Questions and Answers: Defending the Conscience Rights Regulation

What is the conscience rights regulation?

This regulation was proposed by the U.S. Department of Health and Human Services (HHS) last August, and issued in final form on December 19, 2008 after a lengthy period for public comments.  It implements and enforces three longstanding federal laws that protect individual and institutional health care providers from being forced to participate in procedures such as abortion to which they have a moral or religious objection. 

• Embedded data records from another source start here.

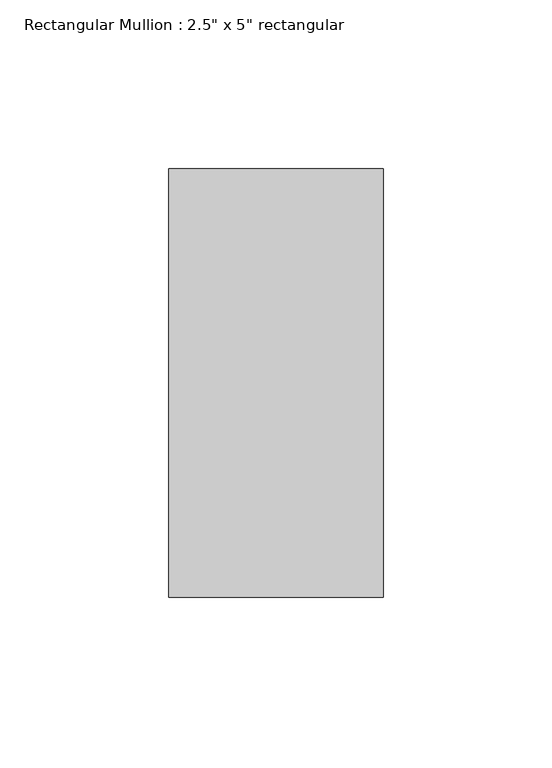
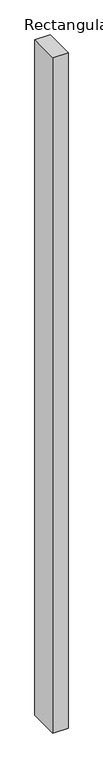
"""IFC4 building model written with IfcOpenShell, lengths in millimetres: member geometry."""

from ifc_helpers import new_model, si_unit, frame, origin, place, context, project, spatial, polyline, outline, extrude, source, transform, mapped, element, save


def member_daa7a266(model_context):
    return source(origin(), model_context, "Body", "SweptSolid", [
        extrude(outline(polyline([(0.0, 63.5), (0.0, -63.5), (-63.5, -63.5), (-63.5, 63.5), (0.0, 63.5)])), frame((0.0, 0.0, -2952.7500003), z_axis=(0.0, 0.0, 1.0), x_axis=(1.0, 0.0, 0.0)), (0.0, 0.0, 1.0), 2952.7500003),
    ])


if __name__ == "__main__":
    model = new_model("IFC4")
    model_context = context("Model", 3, world=origin())
    ifc_project = project(units=[si_unit("LENGTHUNIT", "METRE", prefix="MILLI")], contexts=[model_context])
    site = spatial("IfcSite", under=ifc_project)
    building = spatial("IfcBuilding", under=site)
    placement = place(None, origin())
    member_shape = member_daa7a266(model_context)
    element("IfcMember", 1, ObjectType="Rectangular Mullion : 2.5\" x 5\" rectangular", at=placement, inside=building, context=model_context, shape_type="MappedRepresentation", body=[
        mapped(member_shape, transform((0.0, 0.0, 0.0), x_axis=(1.0, 0.0, 0.0), y_axis=(0.0, 1.0, 0.0), z_axis=(0.0, 0.0, 1.0))),
    ])
    save(model, "model.ifc")

# Revit data of these elements
# Type "Rectangular Mullion : 2.5\" x 5\" rectangular"
#   built-in parameter 1007304 = 0.416667 (stored number, unit not read)
#   built-in parameter 1007301 = 0.104167 (stored number, unit not read)
#   built-in parameter 1007300 = 0.104167 (stored number, unit not read)
# Element 1 (IfcMember, "Rectangular Mullion : 2.5\" x 5\" rectangular")
#   Materials on its faces: "Aluminum"
# Materials
#   "Aluminum": class "Metal", colour RGB 247 247 247, transparency 0, Description = "Aluminum 6061", Cost = 0

What do these federal laws guarantee?

The oldest and most extensive law, first enacted by Congress in 1973, helps ensure that health care personnel with moral or religious objections to abortion or sterilization (or, in some contexts, other medical or research activities) are not discriminated against by entities receiving certain kinds of federal grants.  It also forbids health care entities that receive certain federal grants or contracts to discriminate in training and employment against health professionals or applicants for study because they are willing or unwilling to participate in abortion or sterilization (Church amendment, 42 USC § 300a-7).  The second law, enacted in 1996, forbids federal agencies, and state or local governments receiving federal funds, to discriminate against health care providers and health training programs because they do not provide abortions or abortion training (Coats/Snowe amendment, 42 USC § 238n).  The third law, part of the Labor/Health and Human Services appropriations bill every year since 2004, forbids federal funding under that bill for government bodies which discriminate against health care providers and insurers not involved in abortion (Weldon amendment).  For texts of these laws see www.usccb.org/prolife/Dec08fedconslaws.pdf.

If these laws already exist, why do we need the regulation?

While the laws have been in effect for as long as 36 years, some state and local governments as well as professional societies and advocacy groups still attack conscience rights as though they do not exist – and many health care providers do not even know they have these rights.  Enforcement is also hampered by undefined terms in the laws, and by failure to identify a federal office responsible for defending these conscience rights.

How does the regulation address these problems?

To clarify the laws, the regulation defines key terms: for example, it explains what kinds of health care providers are covered, and what it means to say that providers cannot be forced to “assist” in performing objectionable procedures.  It requires certain recipients of federal funds to certify that they understand and will comply with the conscience laws, and it gives responsibility for enforcement to the HHS Office of Civil Rights.

Why has the Obama Administration sought to rescind the regulation?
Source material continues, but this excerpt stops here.